Sometimes in Kosovo, you can even laugh. Take the Serb graffiti on the wall near Gllogovch. "Clinton Peder" reads one large red daub ("Clinton is gay") and directly underneath in the same hand, "Clinton Fac you Monica". To some Serbs at least, Bill is clearly a man for all seasons.
Around Gllogovch, every little bit of humour helps. To anyone interviewing traumatised refugees in recent months, the whole Drenica region had grown in the mind to monstrous proportions, a place where tens of thousands of ghosts haunted the land and the living were condemned forever to search for them.

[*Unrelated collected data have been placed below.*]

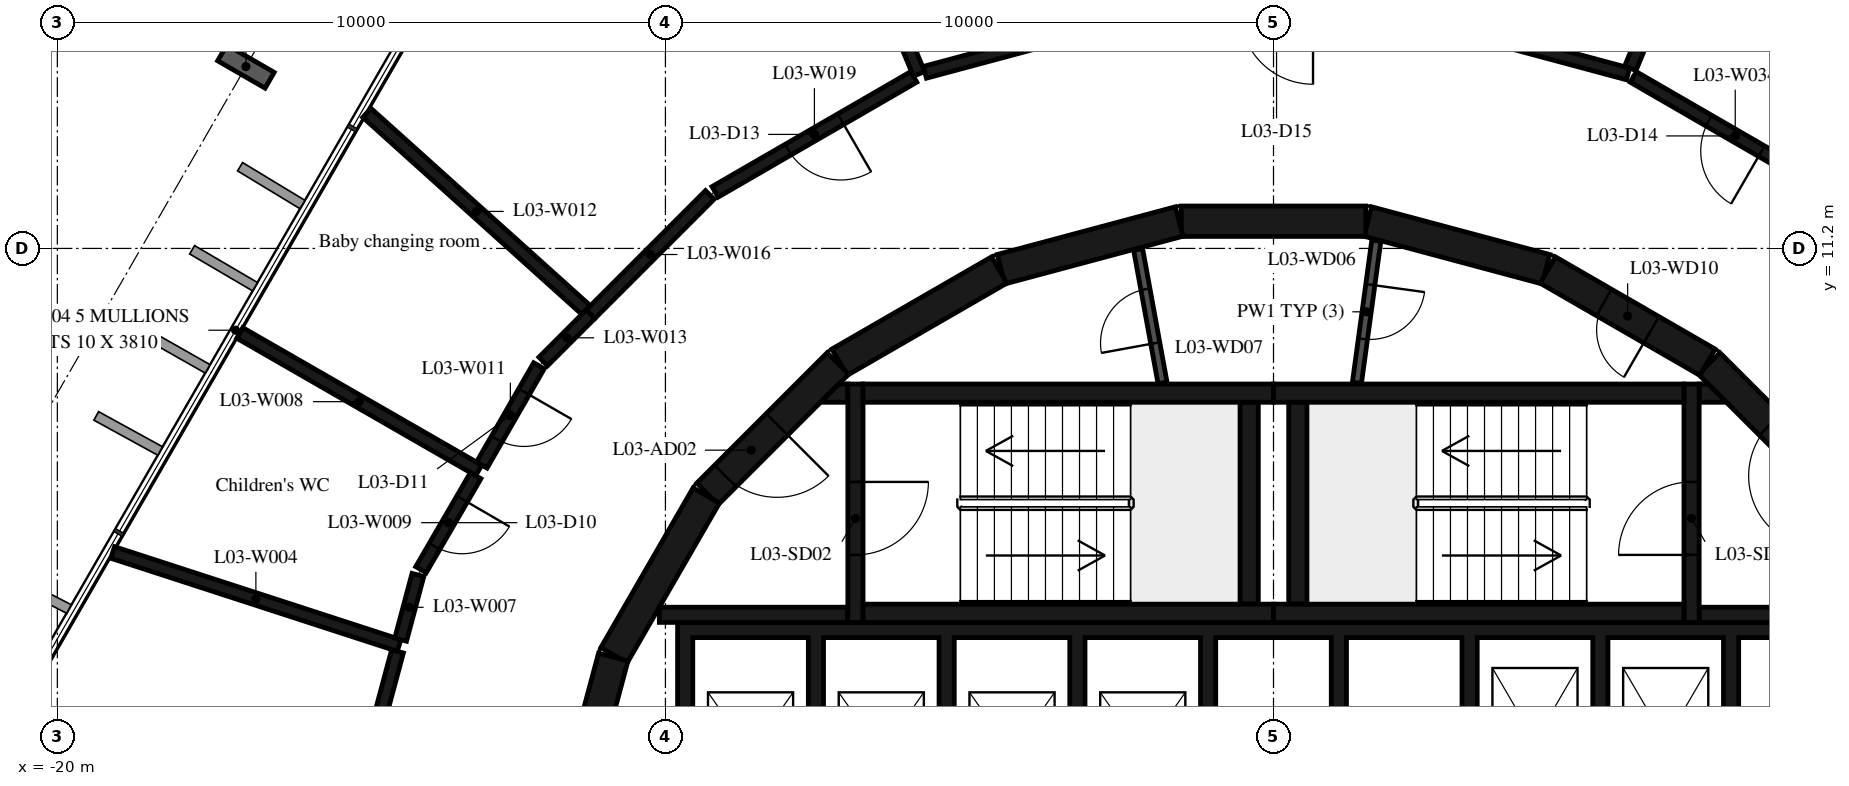
"""IFC4 building model, lengths in metres.
Left out: names, types, materials, properties, quantities, classifications, styles, units other than length and angle.
Written with IfcOpenShell. Run it as: python <this file> out.ifc"""

import sys

from ifc_helpers import new_model, si_unit, direction, frame, frame_2d, origin, origin_2d, place, context, subcontext, project, spatial, polyline, rectangle, i_section, outline, extrude, element, fill, save


model = new_model("IFC4")
c1 = context("Model", 3, precision=1e-05, world=origin(), true_north=direction((0.0, 1.0)))
c2 = subcontext(c1, "Body", "Model", "MODEL_VIEW")
j1 = project(units=[si_unit("LENGTHUNIT", "METRE"), si_unit("PLANEANGLEUNIT", "RADIAN")], contexts=[c1])
p1 = place(None, origin())
s1 = spatial("IfcSite", under=j1, at=p1, CompositionType="ELEMENT")
p2 = place(p1, origin())
s2 = spatial("IfcBuilding", under=s1, at=p2, CompositionType="ELEMENT")
p3 = place(p2, frame((0.0, 0.0, 18.6)))
s3 = spatial("IfcBuildingStorey", under=s2, at=p3, CompositionType="ELEMENT", Elevation=18.6)
p4 = place(p3, frame((-16.899, 14.19, -0.38), z_axis=(0.0, 0.0, 1.0), x_axis=(0.50000017485, 0.866025302835, 0.0)))
e1 = element("IfcColumn", 1, at=p4, inside=s3, PredefinedType="COLUMN", context=c2, shape_type="SweptSolid", body=[
    extrude(i_section(OverallWidth=0.3, OverallDepth=0.9, WebThickness=0.019, FlangeThickness=0.035, FilletRadius=0.03, at=origin_2d()), origin(), (0.0, 0.0, 1.0), 4.8),
])
p5 = place(p3, frame((9.308, 7.164, 0.0), z_axis=(0.0, 0.0, 1.0), x_axis=(-0.707106781187, 0.707106781187, 0.0)))
e2 = element("IfcWall", 2, at=p5, inside=s3, PredefinedType="SHEAR", context=c2, shape_type="SweptSolid", body=[
    extrude(rectangle(XDim=3.032, YDim=0.5, at=frame_2d((1.516, 0.0))), origin(), (0.0, 0.0, 1.0), 4.42),
])
p6 = place(p5, frame((0.416, 0.0, 0.0)))
e3 = element("IfcOpeningElement", 3, at=p6, cuts=e2, PredefinedType="OPENING", context=c2, shape_type="SweptSolid", body=[
    extrude(rectangle(XDim=1.2, YDim=2.1, at=frame_2d((0.6, 1.05))), frame((0.0, 0.26, 0.0), z_axis=(0.0, -1.0, 0.0), x_axis=(1.0, 0.0, 0.0)), (0.0, 0.0, 1.0), 0.52),
])
p7 = place(p3, frame((7.137, 9.329, 0.0), z_axis=(0.0, 0.0, 1.0), x_axis=(-0.865975092491, 0.500087131594, 0.0)))
e4 = element("IfcWall", 4, at=p7, inside=s3, PredefinedType="SHEAR", context=c2, shape_type="SweptSolid", body=[
    extrude(rectangle(XDim=3.033, YDim=0.5, at=frame_2d((1.516, 0.0))), origin(), (0.0, 0.0, 1.0), 4.42),
])
p8 = place(p7, frame((1.066, 0.0, 0.0)))
e5 = element("IfcOpeningElement", 5, at=p8, cuts=e4, PredefinedType="OPENING", context=c2, shape_type="SweptSolid", body=[
    extrude(rectangle(XDim=0.9, YDim=2.1, at=frame_2d((0.45, 1.05))), frame((0.0, 0.26, 0.0), z_axis=(0.0, -1.0, 0.0), x_axis=(1.0, 0.0, 0.0)), (0.0, 0.0, 1.0), 0.52),
])
for number, where, z_axis, x_axis in (
    (6, (4.479, 10.858, 0.0), (0.0, 0.0, 1.0), (-0.966, 0.259, 0.0)),
    (7, (1.516, 11.647, 0.0), (0.0, 0.0, 1.0), (-1.0, 0.0, 0.0)),
    (8, (-1.55, 11.643, 0.0), (0.0, 0.0, 1.0), (-0.966, -0.259, 0.0)),
    (9, (-4.51, 10.845, 0.0), (0.0, 0.0, 1.0), (-0.866, -0.5, 0.0)),
):
    element("IfcWall", number, at=place(p3, frame(where, z_axis=z_axis, x_axis=x_axis)), inside=s3, PredefinedType="SHEAR", context=c2, shape_type="SweptSolid", body=[
        extrude(rectangle(XDim=3.033, YDim=0.5, at=frame_2d((1.516, 0.0))), origin(), (0.0, 0.0, 1.0), 4.42),
    ])
p9 = place(p3, frame((-7.164, 9.308, 0.0), z_axis=(0.0, 0.0, 1.0), x_axis=(-0.707106781187, -0.707106781187, 0.0)))
e10 = element("IfcWall", 10, at=p9, inside=s3, PredefinedType="SHEAR", context=c2, shape_type="SweptSolid", body=[
    extrude(rectangle(XDim=3.032, YDim=0.5, at=frame_2d((1.516, 0.0))), origin(), (0.0, 0.0, 1.0), 4.42),
])
p10 = place(p9, frame((1.416, 0.0, 0.0)))
e11 = element("IfcOpeningElement", 11, at=p10, cuts=e10, PredefinedType="OPENING", context=c2, shape_type="SweptSolid", body=[
    extrude(rectangle(XDim=1.2, YDim=2.1, at=frame_2d((0.6, 1.05))), frame((0.0, 0.26, 0.0), z_axis=(0.0, -1.0, 0.0), x_axis=(1.0, 0.0, 0.0)), (0.0, 0.0, 1.0), 0.52),
])
for number, where, z_axis, x_axis in (
    (12, (-9.329, 7.137, 0.0), (0.0, 0.0, 1.0), (-0.5, -0.866, 0.0)),
    (13, (-10.858, 4.479, 0.0), (0.0, 0.0, 1.0), (-0.259, -0.966, 0.0)),
):
    element("IfcWall", number, at=place(p3, frame(where, z_axis=z_axis, x_axis=x_axis)), inside=s3, PredefinedType="SHEAR", context=c2, shape_type="SweptSolid", body=[
        extrude(rectangle(XDim=3.033, YDim=0.5, at=frame_2d((1.516, 0.0))), origin(), (0.0, 0.0, 1.0), 4.42),
    ])
for number, where, z_axis, x_axis in (
    (14, (0.0, 5.2, 0.0), (0.0, 0.0, 1.0), (1.0, 0.0, 0.0)),
    (15, (0.0, 8.82, 0.0), (0.0, 0.0, 1.0), (1.0, 0.0, 0.0)),
):
    element("IfcWall", number, at=place(p3, frame(where, z_axis=z_axis, x_axis=x_axis)), inside=s3, PredefinedType="SHEAR", context=c2, shape_type="SweptSolid", body=[
        extrude(rectangle(XDim=6.75, YDim=0.3, at=frame_2d((3.375, 0.0))), origin(), (0.0, 0.0, 1.0), 4.42),
    ])
p11 = place(p3, frame((0.4, 5.35, 0.0), z_axis=(0.0, 0.0, 1.0), x_axis=(0.0, 1.0, 0.0)))
e16 = element("IfcWall", 16, at=p11, inside=s3, PredefinedType="SHEAR", context=c2, shape_type="SweptSolid", body=[
    extrude(rectangle(XDim=3.32, YDim=0.3, at=frame_2d((1.66, 0.0))), origin(), (0.0, 0.0, 1.0), 4.42),
])
p12 = place(p3, frame((6.875, 5.05, 0.0), z_axis=(0.0, 0.0, 1.0), x_axis=(0.0, 1.0, 0.0)))
e17 = element("IfcWall", 17, at=p12, inside=s3, PredefinedType="SHEAR", context=c2, shape_type="SweptSolid", body=[
    extrude(rectangle(XDim=3.92, YDim=0.25, at=frame_2d((1.96, 0.0))), origin(), (0.0, 0.0, 1.0), 4.42),
])
p13 = place(p12, frame((1.11, 0.0, 0.0)))
e18 = element("IfcOpeningElement", 18, at=p13, cuts=e17, PredefinedType="OPENING", context=c2, shape_type="SweptSolid", body=[
    extrude(rectangle(XDim=1.2, YDim=2.1, at=frame_2d((0.6, 1.05))), frame((0.0, 0.135, 0.0), z_axis=(0.0, -1.0, 0.0), x_axis=(1.0, 0.0, 0.0)), (0.0, 0.0, 1.0), 0.27),
])
p14 = place(p3, frame((7.0, 5.175, 0.0), z_axis=(0.0, 0.0, 1.0), x_axis=(1.0, 0.0, 0.0)))
e19 = element("IfcWall", 19, at=p14, inside=s3, PredefinedType="SHEAR", context=c2, shape_type="SweptSolid", body=[
    extrude(rectangle(XDim=3.1, YDim=0.25, at=frame_2d((1.55, 0.0))), origin(), (0.0, 0.0, 1.0), 4.42),
])
p15 = place(p3, origin())
e20 = element("IfcWall", 20, at=p15, inside=s3, PredefinedType="SHEAR", context=c2, shape_type="SweptSolid", body=[
    extrude(outline(polyline([(7.448, 8.67), (7.0, 8.67), (7.0, 8.97), (7.148, 8.97), (7.448, 8.67)])), origin(), (0.0, 0.0, 1.0), 4.42),
])
for number, where, z_axis, x_axis in (
    (21, (-6.75, 5.2, 0.0), (0.0, 0.0, 1.0), (1.0, 0.0, 0.0)),
    (22, (-6.75, 8.82, 0.0), (0.0, 0.0, 1.0), (1.0, 0.0, 0.0)),
):
    element("IfcWall", number, at=place(p3, frame(where, z_axis=z_axis, x_axis=x_axis)), inside=s3, PredefinedType="SHEAR", context=c2, shape_type="SweptSolid", body=[
        extrude(rectangle(XDim=6.75, YDim=0.3, at=frame_2d((3.375, 0.0))), origin(), (0.0, 0.0, 1.0), 4.42),
    ])
p16 = place(p3, frame((-0.4, 5.35, 0.0), z_axis=(0.0, 0.0, 1.0), x_axis=(0.0, 1.0, 0.0)))
e23 = element("IfcWall", 23, at=p16, inside=s3, PredefinedType="SHEAR", context=c2, shape_type="SweptSolid", body=[
    extrude(rectangle(XDim=3.32, YDim=0.3, at=frame_2d((1.66, 0.0))), origin(), (0.0, 0.0, 1.0), 4.42),
])
p17 = place(p3, frame((-6.875, 8.97, 0.0), z_axis=(0.0, 0.0, 1.0), x_axis=(0.0, -1.0, 0.0)))
e24 = element("IfcWall", 24, at=p17, inside=s3, PredefinedType="SHEAR", context=c2, shape_type="SweptSolid", body=[
    extrude(rectangle(XDim=3.92, YDim=0.25, at=frame_2d((1.96, 0.0))), origin(), (0.0, 0.0, 1.0), 4.42),
])
p18 = place(p17, frame((1.61, 0.0, 0.0)))
e25 = element("IfcOpeningElement", 25, at=p18, cuts=e24, PredefinedType="OPENING", context=c2, shape_type="SweptSolid", body=[
    extrude(rectangle(XDim=1.2, YDim=2.1, at=frame_2d((0.6, 1.05))), frame((0.0, 0.135, 0.0), z_axis=(0.0, -1.0, 0.0), x_axis=(1.0, 0.0, 0.0)), (0.0, 0.0, 1.0), 0.27),
])
p19 = place(p3, frame((-7.0, 5.175, 0.0), z_axis=(0.0, 0.0, 1.0), x_axis=(-1.0, 0.0, 0.0)))
e26 = element("IfcWall", 26, at=p19, inside=s3, PredefinedType="SHEAR", context=c2, shape_type="SweptSolid", body=[
    extrude(rectangle(XDim=3.1, YDim=0.25, at=frame_2d((1.55, 0.0))), origin(), (0.0, 0.0, 1.0), 4.42),
])
p20 = place(p3, origin())
e27 = element("IfcWall", 27, at=p20, inside=s3, PredefinedType="SHEAR", context=c2, shape_type="SweptSolid", body=[
    extrude(outline(polyline([(-7.148, 8.97), (-7.0, 8.97), (-7.0, 8.67), (-7.448, 8.67), (-7.148, 8.97)])), origin(), (0.0, 0.0, 1.0), 4.42),
])
p21 = place(p3, origin())
e28 = element("IfcWall", 28, at=p21, inside=s3, PredefinedType="SHEAR", context=c2, shape_type="SweptSolid", body=[
    extrude(outline(polyline([(-9.55, 4.8), (-7.65, 4.8), (-7.65, 1.9), (-7.4, 1.9), (-7.4, 4.8), (-5.5, 4.8), (-5.5, 1.9), (-5.25, 1.9), (-5.25, 4.8), (-3.35, 4.8), (-3.35, 1.9), (-3.1, 1.9), (-3.1, 4.8), (-1.2, 4.8), (-1.2, 1.9), (-0.95, 1.9), (-0.95, 4.8), (0.95, 4.8), (0.95, 1.9), (1.2, 1.9), (1.2, 4.8), (3.1, 4.8), (3.1, 1.9), (3.35, 1.9), (3.35, 4.8), (5.25, 4.8), (5.25, 1.9), (5.5, 1.9), (5.5, 4.8), (7.4, 4.8), (7.4, 1.9), (7.65, 1.9), (7.65, 4.8), (9.55, 4.8), (9.55, 1.9), (9.8, 1.9), (9.8, 4.8), (9.8, 5.05), (-9.8, 5.05), (-9.8, 4.8), (-9.8, 1.9), (-9.55, 1.9), (-9.55, 4.8)])), origin(), (0.0, 0.0, 1.0), 4.42),
])
p22 = place(p3, frame((1.691, 11.326, 0.0), z_axis=(0.0, 0.0, 1.0), x_axis=(-0.135344253201, -0.990798633994, 0.0)))
e29 = element("IfcWall", 29, at=p22, inside=s3, PredefinedType="PARTITIONING", context=c2, shape_type="SweptSolid", body=[
    extrude(rectangle(XDim=2.358, YDim=0.15, at=frame_2d((1.179, 0.0))), origin(), (0.0, 0.0, 1.0), 4.42),
])
p23 = place(p22, frame((0.729, 0.0, 0.0)))
e30 = element("IfcOpeningElement", 30, at=p23, cuts=e29, PredefinedType="OPENING", context=c2, shape_type="SweptSolid", body=[
    extrude(rectangle(XDim=0.9, YDim=2.1, at=frame_2d((0.45, 1.05))), frame((0.0, 0.085, 0.0), z_axis=(0.0, -1.0, 0.0), x_axis=(1.0, 0.0, 0.0)), (0.0, 0.0, 1.0), 0.17),
])
p24 = place(p3, frame((-1.825, 8.99, 0.0), z_axis=(0.0, 0.0, 1.0), x_axis=(-0.179955206115, 0.983674805915, 0.0)))
e31 = element("IfcWall", 31, at=p24, inside=s3, PredefinedType="PARTITIONING", context=c2, shape_type="SweptSolid", body=[
    extrude(rectangle(XDim=2.229, YDim=0.15, at=frame_2d((1.115, 0.0))), origin(), (0.0, 0.0, 1.0), 4.42),
])
p25 = place(p24, frame((0.665, 0.0, 0.0)))
e32 = element("IfcOpeningElement", 32, at=p25, cuts=e31, PredefinedType="OPENING", context=c2, shape_type="SweptSolid", body=[
    extrude(rectangle(XDim=0.9, YDim=2.1, at=frame_2d((0.45, 1.05))), frame((0.0, 0.085, 0.0), z_axis=(0.0, -1.0, 0.0), x_axis=(1.0, 0.0, 0.0)), (0.0, 0.0, 1.0), 0.17),
])
p26 = place(p3, frame((-14.38, 4.67, 0.0), z_axis=(0.0, 0.0, 1.0), x_axis=(-0.951080790776, 0.308942275219, 0.0)))
e33 = element("IfcWall", 33, at=p26, inside=s3, PredefinedType="PARTITIONING", context=c2, shape_type="SweptSolid", body=[
    extrude(rectangle(XDim=4.952, YDim=0.2, at=frame_2d((2.476, 0.0))), origin(), (0.0, 0.0, 1.0), 4.03),
])
p27 = place(p3, frame((-14.406, 4.573, 0.0), z_axis=(0.0, 0.0, 1.0), x_axis=(-0.259408996071, -0.965767556277, 0.0)))
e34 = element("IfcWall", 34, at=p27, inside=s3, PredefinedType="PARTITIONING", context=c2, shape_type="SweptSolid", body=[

Earlier this week, 20,000 of Drenica's dispossessed finally felt safe enough to emerge from their hiding places in the mountain forests. The occasion was the first aid convoy to the area by the UNHCR, but this mass gathering was about much more than supplementing the unmilled wheat mash that many had been living on for weeks. The roses, the quiet weeping, the passionate, wordless handshakes and embraces symbolised a great, collective outpouring of release from fear, from abandonment, from months of running and living like rats. Now as they reclaimed their own streets, warily at first, too accustomed to terror to believe that it could be over, the easing of tension was palpable; from watchfulness and whispers to euphoria and celebration.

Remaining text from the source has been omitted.